Is there a formula or an intuitive way of reasoning about ram usage ? .I think even with 1000 spans per hour I would still get restarts .

Why does grafana tempo need so much ram for low volume?

There are a number of factors that could be driving up your resource usage that we should take a look at. I will say that a volume of 6600 spans per hour is quite low so there should be no issues.

It would be interesting to know your bytes received per second. A single span can vary quite widely size. Check tempo_distributor_bytes_received_total.

Another factor that could be driving up resource usage is total trace size. Have you adjusted overrides.max_bytes_per_trace? Are you seeing any log messages about max trace size?

To drive down the memory used I would recommend adjusting the following settings:

ingester:
  flush_check_period: 10s
  trace_idle_period: 10s

The default for both of these settings is 10s. Maybe try them both at 5s? This will cause Tempo to keep fewer traces in memory and flush them more aggressively to disk.

Thank you for these hints ,
I am using tempo helm chart with very basics config ,only Azure storage . I think service monitor helm value does not work fully . I use the following tempo helm values file :

replicas: 1
tempo:
  resources:
   requests:
     cpu: 400m
     memory: 1Gi
   limits:
     cpu: 400m
     memory: 1Gi
  storage:
    trace:
      backend: azure
      azure:
        container-name: ${tempo_container_name}
        storage-account-name: ${tempo_storageAccount_name}
        storage-account-key: ${tempo_storageAccount_key}

  searchEnabled: true

  serviceMonitor:
    enabled: true
    interval: 30s

  # only GRPC OTLP receiver
  receivers:
    otlp:
      protocols:
        grpc:
          endpoint: "0.0.0.0:4317"

But in exchange I have the metrics from the source of the spans of tempo , Otel Collector from the same 6h time range of first post and it looks lie a max burst of 50 spans :

Also it is interesting memory usage jumps of 400mb for the tempo container (same time range) , I also overlaid with sent spans *10 (to see them better in the chart ) :

I think it comes down to those 400mb spikes from tempo .
I will try to see tempo_distributor_bytes_received_total with a manual ServiceMonitor applied .

I’m going to guess those spikes are occurring during compaction. The logs will clearly indicate everytime a compaction starts. Perhaps you could confirm they correlate with the spikes?

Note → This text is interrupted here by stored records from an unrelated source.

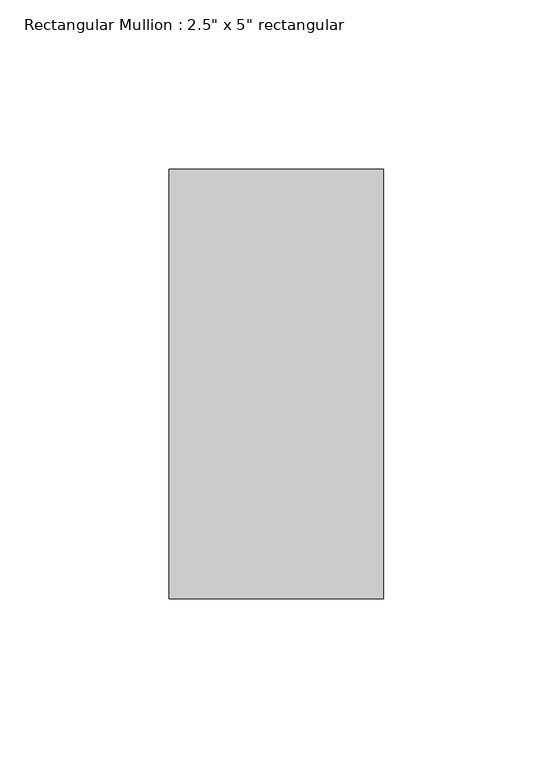
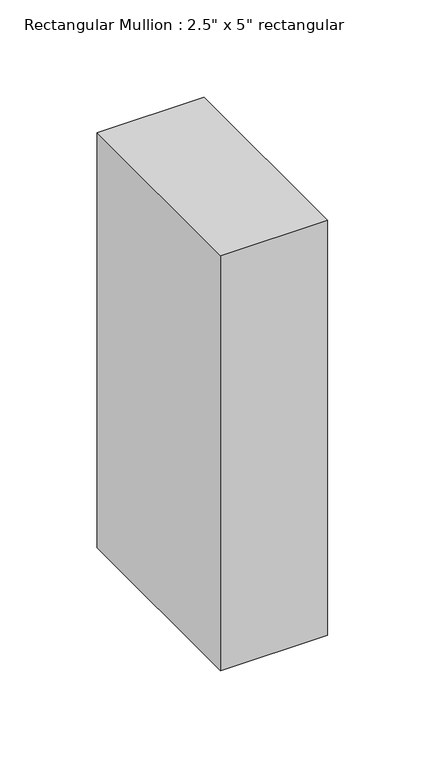
"""IFC4 building model written with IfcOpenShell, lengths in millimetres: member geometry."""

from ifc_helpers import new_model, si_unit, frame, origin, place, context, project, spatial, polyline, outline, extrude, source, transform, mapped, element, save


def member_be2dbdeb(model_context):
    return source(origin(), model_context, "Body", "SweptSolid", [
        extrude(outline(polyline([(31.75, 63.5), (31.75, -63.5), (-31.75, -63.5), (-31.75, 63.5), (31.75, 63.5)])), frame((0.0, 0.0, -260.35), z_axis=(0.0, 0.0, 1.0), x_axis=(1.0, 0.0, 0.0)), (0.0, 0.0, 1.0), 260.35),
    ])


if __name__ == "__main__":
    model = new_model("IFC4")
    model_context = context("Model", 3, world=origin())
    ifc_project = project(units=[si_unit("LENGTHUNIT", "METRE", prefix="MILLI")], contexts=[model_context])
    site = spatial("IfcSite", under=ifc_project)
    building = spatial("IfcBuilding", under=site)
    placement = place(None, origin())
    member_shape = member_be2dbdeb(model_context)
    element("IfcMember", 1, ObjectType="Rectangular Mullion : 2.5\" x 5\" rectangular", at=placement, inside=building, context=model_context, shape_type="MappedRepresentation", body=[
        mapped(member_shape, transform((0.0, 0.0, 0.0), x_axis=(1.0, 0.0, 0.0), y_axis=(0.0, 1.0, 0.0), z_axis=(0.0, 0.0, 1.0))),
    ])
    save(model, "model.ifc")

# Revit data of these elements
# Type "Rectangular Mullion : 2.5\" x 5\" rectangular"
#   built-in parameter 1007304 = 0.416667 (stored number, unit not read)
#   built-in parameter 1007301 = 0.104167 (stored number, unit not read)
#   built-in parameter 1007300 = 0.104167 (stored number, unit not read)

Looks like compaction cycle is started every second, but sometimes I get an extra message level=info ts=2022-04-11T05:22:00.334767445Z caller=trace.go:68 msg="size of search data exceeded max search bytes limit" maxSearchBytes=5000 discardedBytes=752 :

This is an installation with just the azure backend configuration.

The log lines you are seeing are simply Tempo looking for compaction jobs. This is a little spammy in 1.3. The frequency has been reduced in 1.4 and made configurable.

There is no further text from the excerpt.